Objectives: Comorbidity with Clostridium difficile may cause diagnostic delay in newly presenting inflammatory bowel disease (IBD) patients, trigger relapse in established disease, confound therapies, and serve as an indicator of an underlying defect in innate immunity. Retrospective analyses have suggested community acquisition; to address this we conducted a prospective analysis of C. difficile carriage in IBD patients using molecular methods specifically in an outpatient setting.

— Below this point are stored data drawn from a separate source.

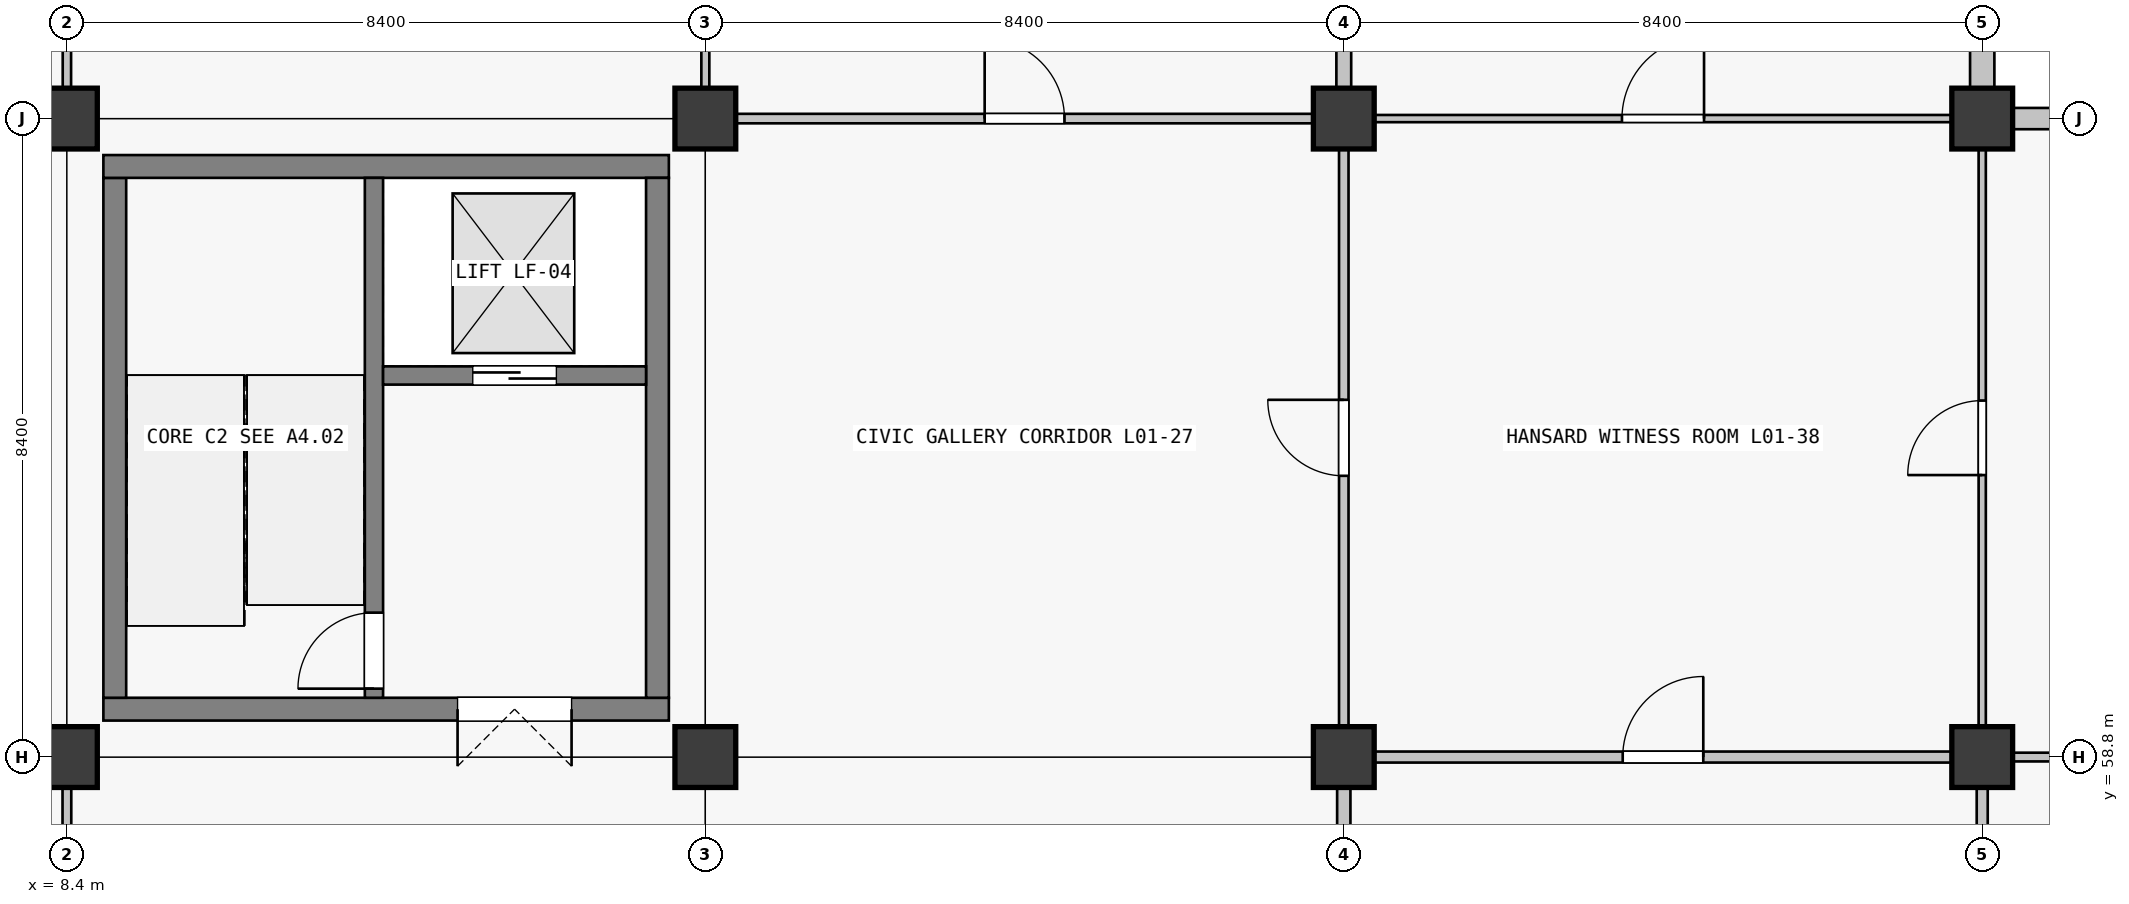
"""IFC4 building model, lengths in metres.
Left out: names, types, materials, properties, quantities, classifications, styles, units other than length and angle.
Written with IfcOpenShell. Run it as: python <this file> out.ifc"""

import sys

from ifc_helpers import new_model, si_unit, direction, frame, frame_2d, origin, origin_2d, place, context, subcontext, project, spatial, rectangle, extrude, element, fill, save


model = new_model("IFC4")
c1 = context("Model", 3, precision=1e-05, world=origin(), true_north=direction((0.0, 1.0)))
c2 = subcontext(c1, "Body", "Model", "MODEL_VIEW")
j1 = project(units=[si_unit("LENGTHUNIT", "METRE"), si_unit("PLANEANGLEUNIT", "RADIAN")], contexts=[c1])
p1 = place(None, origin())
s1 = spatial("IfcSite", under=j1, at=p1, CompositionType="ELEMENT")
p2 = place(p1, origin())
s2 = spatial("IfcBuilding", under=s1, at=p2, CompositionType="ELEMENT")
p3 = place(p2, frame((0.0, 0.0, 5.76)))
s3 = spatial("IfcBuildingStorey", under=s2, at=p3, CompositionType="ELEMENT", Elevation=5.76)
for number, where, z_axis, x_axis in (
    (1, (8.4, 58.8, 0.0), (0.0, 0.0, 1.0), (1.0, 0.0, 0.0)),
    (2, (8.4, 67.2, 0.0), (0.0, 0.0, 1.0), (1.0, 0.0, 0.0)),
    (3, (16.8, 58.8, 0.0), (0.0, 0.0, 1.0), (1.0, 0.0, 0.0)),
    (4, (16.8, 67.2, 0.0), (0.0, 0.0, 1.0), (1.0, 0.0, 0.0)),
    (5, (25.2, 58.8, 0.0), (0.0, 0.0, 1.0), (1.0, 0.0, 0.0)),
    (6, (25.2, 67.2, 0.0), (0.0, 0.0, 1.0), (1.0, 0.0, 0.0)),
    (7, (33.6, 58.8, 0.0), (0.0, 0.0, 1.0), (1.0, 0.0, 0.0)),
    (8, (33.6, 67.2, 0.0), (0.0, 0.0, 1.0), (1.0, 0.0, 0.0)),
):
    element("IfcColumn", number, at=place(p3, frame(where, z_axis=z_axis, x_axis=x_axis)), inside=s3, PredefinedType="COLUMN", context=c2, shape_type="SweptSolid", body=[
        extrude(rectangle(XDim=0.8, YDim=0.8, at=origin_2d()), origin(), (0.0, 0.0, 1.0), 4.5),
    ])
p4 = place(p3, frame((33.6, 75.199, 0.0), z_axis=(0.0, 0.0, 1.0), x_axis=(0.0, -1.0, 0.0)))
e9 = element("IfcWall", 9, at=p4, inside=s3, PredefinedType="SOLIDWALL", context=c2, shape_type="SweptSolid", body=[
    extrude(rectangle(XDim=7.598, YDim=0.32, at=frame_2d((3.799, 0.0))), origin(), (0.0, 0.0, 1.0), 3.4),
])
p5 = place(p4, frame((2.524, 0.0, 0.9)))
e10 = element("IfcOpeningElement", 10, at=p5, cuts=e9, PredefinedType="OPENING", context=c2, shape_type="SweptSolid", body=[
    extrude(rectangle(XDim=2.55, YDim=1.95, at=frame_2d((1.275, 0.975))), frame((0.0, 0.16, 0.0), z_axis=(0.0, -1.0, 0.0), x_axis=(1.0, 0.0, 0.0)), (0.0, 0.0, 1.0), 0.32),
])
p6 = place(p3, frame((34.001, 67.2, 0.0), z_axis=(0.0, 0.0, 1.0), x_axis=(1.0, 0.0, 0.0)))
e11 = element("IfcWall", 11, at=p6, inside=s3, PredefinedType="SOLIDWALL", context=c2, shape_type="SweptSolid", body=[
    extrude(rectangle(XDim=7.598, YDim=0.28, at=frame_2d((3.799, 0.0))), origin(), (0.0, 0.0, 1.0), 3.4),
])
p7 = place(p6, frame((3.149, 0.0, 0.9)))
e12 = element("IfcOpeningElement", 12, at=p7, cuts=e11, PredefinedType="OPENING", context=c2, shape_type="SweptSolid", body=[
    extrude(rectangle(XDim=1.3, YDim=1.95, at=frame_2d((0.65, 0.975))), frame((0.0, 0.14, 0.0), z_axis=(0.0, -1.0, 0.0), x_axis=(1.0, 0.0, 0.0)), (0.0, 0.0, 1.0), 0.28),
])
p8 = place(p3, frame((16.32, 59.43, 0.0), z_axis=(0.0, 0.0, 1.0), x_axis=(-1.0, 0.0, 0.0)))
e13 = element("IfcWall", 13, at=p8, inside=s3, PredefinedType="SHEAR", context=c2, shape_type="SweptSolid", body=[
    extrude(rectangle(XDim=7.44, YDim=0.3, at=frame_2d((3.72, 0.0))), origin(), (0.0, 0.0, 1.0), 4.5),
])
p9 = place(p8, frame((1.28, 0.0, 0.0)))
e14 = element("IfcOpeningElement", 14, at=p9, cuts=e13, PredefinedType="OPENING", context=c2, shape_type="SweptSolid", body=[
    extrude(rectangle(XDim=1.5, YDim=2.15, at=frame_2d((0.75, 1.075))), frame((0.0, 0.15, 0.0), z_axis=(0.0, -1.0, 0.0), x_axis=(1.0, 0.0, 0.0)), (0.0, 0.0, 1.0), 0.3),
])
p10 = place(p3, frame((9.03, 59.58, 0.0), z_axis=(0.0, 0.0, 1.0), x_axis=(0.0, 1.0, 0.0)))
e15 = element("IfcWall", 15, at=p10, inside=s3, PredefinedType="SHEAR", context=c2, shape_type="SweptSolid", body=[
    extrude(rectangle(XDim=6.84, YDim=0.3, at=frame_2d((3.42, 0.0))), origin(), (0.0, 0.0, 1.0), 4.5),
])
p11 = place(p3, frame((8.88, 66.57, 0.0), z_axis=(0.0, 0.0, 1.0), x_axis=(1.0, 0.0, 0.0)))
e16 = element("IfcWall", 16, at=p11, inside=s3, PredefinedType="SHEAR", context=c2, shape_type="SweptSolid", body=[
    extrude(rectangle(XDim=7.44, YDim=0.3, at=frame_2d((3.72, 0.0))), origin(), (0.0, 0.0, 1.0), 4.5),
])
p12 = place(p3, frame((16.17, 66.42, 0.0), z_axis=(0.0, 0.0, 1.0), x_axis=(0.0, -1.0, 0.0)))
e17 = element("IfcWall", 17, at=p12, inside=s3, PredefinedType="SHEAR", context=c2, shape_type="SweptSolid", body=[
    extrude(rectangle(XDim=6.84, YDim=0.3, at=frame_2d((3.42, 0.0))), origin(), (0.0, 0.0, 1.0), 4.5),
])
p13 = place(p3, frame((12.44, 59.58, 0.0), z_axis=(0.0, 0.0, 1.0), x_axis=(0.0, 1.0, 0.0)))
e18 = element("IfcWall", 18, at=p13, inside=s3, PredefinedType="SHEAR", context=c2, shape_type="SweptSolid", body=[
    extrude(rectangle(XDim=6.84, YDim=0.24, at=frame_2d((3.42, 0.0))), origin(), (0.0, 0.0, 1.0), 4.5),
])
p14 = place(p13, frame((0.12, 0.0, 0.0)))
e19 = element("IfcOpeningElement", 19, at=p14, cuts=e18, PredefinedType="OPENING", context=c2, shape_type="SweptSolid", body=[
    extrude(rectangle(XDim=1.0, YDim=2.15, at=frame_2d((0.5, 1.075))), frame((0.0, 0.12, 0.0), z_axis=(0.0, -1.0, 0.0), x_axis=(1.0, 0.0, 0.0)), (0.0, 0.0, 1.0), 0.24),
])
p15 = place(p3, frame((12.56, 63.82, 0.0), z_axis=(0.0, 0.0, 1.0), x_axis=(1.0, 0.0, 0.0)))
e20 = element("IfcWall", 20, at=p15, inside=s3, PredefinedType="SHEAR", context=c2, shape_type="SweptSolid", body=[
    extrude(rectangle(XDim=3.46, YDim=0.24, at=frame_2d((1.73, 0.0))), origin(), (0.0, 0.0, 1.0), 4.5),
])
p16 = place(p15, frame((1.18, 0.0, 0.0)))
e21 = element("IfcOpeningElement", 21, at=p16, cuts=e20, PredefinedType="OPENING", context=c2, shape_type="SweptSolid", body=[
    extrude(rectangle(XDim=1.1, YDim=2.15, at=frame_2d((0.55, 1.075))), frame((0.0, 0.12, 0.0), z_axis=(0.0, -1.0, 0.0), x_axis=(1.0, 0.0, 0.0)), (0.0, 0.0, 1.0), 0.24),
])
p17 = place(p3, frame((17.202, 67.2, 0.0), z_axis=(0.0, 0.0, 1.0), x_axis=(1.0, 0.0, 0.0)))
e22 = element("IfcWall", 22, at=p17, inside=s3, PredefinedType="PARTITIONING", context=c2, shape_type="SweptSolid", body=[
    extrude(rectangle(XDim=7.596, YDim=0.125, at=frame_2d((3.798, 0.0))), origin(), (0.0, 0.0, 1.0), 2.4),
])
p18 = place(p17, frame((3.273, 0.0, 0.0)))
e23 = element("IfcOpeningElement", 23, at=p18, cuts=e22, PredefinedType="OPENING", context=c2, shape_type="SweptSolid", body=[
    extrude(rectangle(XDim=1.05, YDim=2.12, at=frame_2d((0.525, 1.06))), frame((0.0, 0.062, 0.0), z_axis=(0.0, -1.0, 0.0), x_axis=(1.0, 0.0, 0.0)), (0.0, 0.0, 1.0), 0.125),
])
p19 = place(p3, frame((25.602, 58.8, 0.0), z_axis=(0.0, 0.0, 1.0), x_axis=(1.0, 0.0, 0.0)))
e24 = element("IfcWall", 24, at=p19, inside=s3, PredefinedType="PARTITIONING", context=c2, shape_type="SweptSolid", body=[
    extrude(rectangle(XDim=7.596, YDim=0.145, at=frame_2d((3.798, 0.0))), origin(), (0.0, 0.0, 1.0), 2.4),
])
p20 = place(p19, frame((3.268, 0.0, 0.0)))
e25 = element("IfcOpeningElement", 25, at=p20, cuts=e24, PredefinedType="OPENING", context=c2, shape_type="SweptSolid", body=[
    extrude(rectangle(XDim=1.06, YDim=2.22, at=frame_2d((0.53, 1.11))), frame((0.0, 0.073, 0.0), z_axis=(0.0, -1.0, 0.0), x_axis=(1.0, 0.0, 0.0)), (0.0, 0.0, 1.0), 0.145),
])
p21 = place(p3, frame((25.602, 67.2, 0.0), z_axis=(0.0, 0.0, 1.0), x_axis=(1.0, 0.0, 0.0)))
e26 = element("IfcWall", 26, at=p21, inside=s3, PredefinedType="PARTITIONING", context=c2, shape_type="SweptSolid", body=[
    extrude(rectangle(XDim=7.596, YDim=0.095, at=frame_2d((3.798, 0.0))), origin(), (0.0, 0.0, 1.0), 2.4),
])
p22 = place(p21, frame((3.258, 0.0, 0.0)))
e27 = element("IfcOpeningElement", 27, at=p22, cuts=e26, PredefinedType="OPENING", context=c2, shape_type="SweptSolid", body=[
    extrude(rectangle(XDim=1.08, YDim=2.22, at=frame_2d((0.54, 1.11))), frame((0.0, 0.047, 0.0), z_axis=(0.0, -1.0, 0.0), x_axis=(1.0, 0.0, 0.0)), (0.0, 0.0, 1.0), 0.095),
])
p23 = place(p3, frame((34.002, 58.8, 0.0), z_axis=(0.0, 0.0, 1.0), x_axis=(1.0, 0.0, 0.0)))
e28 = element("IfcWall", 28, at=p23, inside=s3, PredefinedType="PARTITIONING", context=c2, shape_type="SweptSolid", body=[
    extrude(rectangle(XDim=7.621, YDim=0.115, at=frame_2d((3.811, 0.0))), origin(), (0.0, 0.0, 1.0), 2.4),
])
p24 = place(p23, frame((3.28, 0.0, 0.0)))
e29 = element("IfcOpeningElement", 29, at=p24, cuts=e28, PredefinedType="OPENING", context=c2, shape_type="SweptSolid", body=[
    extrude(rectangle(XDim=1.06, YDim=2.22, at=frame_2d((0.53, 1.11))), frame((0.0, 0.058, 0.0), z_axis=(0.0, -1.0, 0.0), x_axis=(1.0, 0.0, 0.0)), (0.0, 0.0, 1.0), 0.115),
])
p25 = place(p3, frame((8.4, 50.802, 0.0), z_axis=(0.0, 0.0, 1.0), x_axis=(0.0, 1.0, 0.0)))
e30 = element("IfcWall", 30, at=p25, inside=s3, PredefinedType="PARTITIONING", context=c2, shape_type="SweptSolid", body=[
    extrude(rectangle(XDim=7.596, YDim=0.115, at=frame_2d((3.798, 0.0))), origin(), (0.0, 0.0, 1.0), 2.4),
])
p26 = place(p25, frame((3.333, 0.0, 0.0)))
e31 = element("IfcOpeningElement", 31, at=p26, cuts=e30, PredefinedType="OPENING", context=c2, shape_type="SweptSolid", body=[
    extrude(rectangle(XDim=0.93, YDim=2.12, at=frame_2d((0.465, 1.06))), frame((0.0, 0.058, 0.0), z_axis=(0.0, -1.0, 0.0), x_axis=(1.0, 0.0, 0.0)), (0.0, 0.0, 1.0), 0.115),
])
p27 = place(p3, frame((8.4, 67.602, 0.0), z_axis=(0.0, 0.0, 1.0), x_axis=(0.0, 1.0, 0.0)))
e32 = element("IfcWall", 32, at=p27, inside=s3, PredefinedType="MOVABLE", context=c2, shape_type="SweptSolid", body=[
    extrude(rectangle(XDim=7.596, YDim=0.11, at=frame_2d((3.798, 0.0))), origin(), (0.0, 0.0, 1.0), 2.4),
])
p28 = place(p27, frame((3.318, 0.0, 0.0)))
e33 = element("IfcOpeningElement", 33, at=p28, cuts=e32, PredefinedType="OPENING", context=c2, shape_type="SweptSolid", body=[
    extrude(rectangle(XDim=0.96, YDim=2.18, at=frame_2d((0.48, 1.09))), frame((0.0, 0.055, 0.0), z_axis=(0.0, -1.0, 0.0), x_axis=(1.0, 0.0, 0.0)), (0.0, 0.0, 1.0), 0.11),
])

Methods: Recruited participants had long-standing diagnoses of ulcerative colitis (n = 64) and Crohn's disease (n = 58), were in clinical remission, and had no recent exposure to antibiotics, corticosteroids, immunomodulatory drugs or recent hospitalization. Isolates were cultured from stools and confirmed by 16S sequencing. The antibiotic susceptibilities of the isolates were tested followed by further strain characterization by toxinotyping, ribotyping, and pulsed-field gel electrophoresis (PFGE).

Results: The frequency of toxigenic C. difficile was higher in IBD patients than in healthy volunteers at 8.2 and 1.0%, respectively (P = 0.02 Fisher's exact test). All strains belonged to toxinotype 0 with rare subtypes of this group noted in five isolates and represented by an altered repressor genotype. Patients harbored a diverse range of toxigenic ribotype groups, including those previously associated with C. difficile-associated disease (CDAD) (R015, R005, and R020) and the rarer types R062, R050, and R003. Interestingly, common nosocomial groups were not identified. The considerable nonclonal distribution of distinct strains was further demonstrated by PFGE genomic fingerprinting. None of the study subjects experienced a clinical episode of CDAD during a 6-month period of follow-up.

Conclusions: Detection of C. difficile is increased in IBD outpatients in remission, and strain diversity is consistent with community acquisition from a multitude of sources.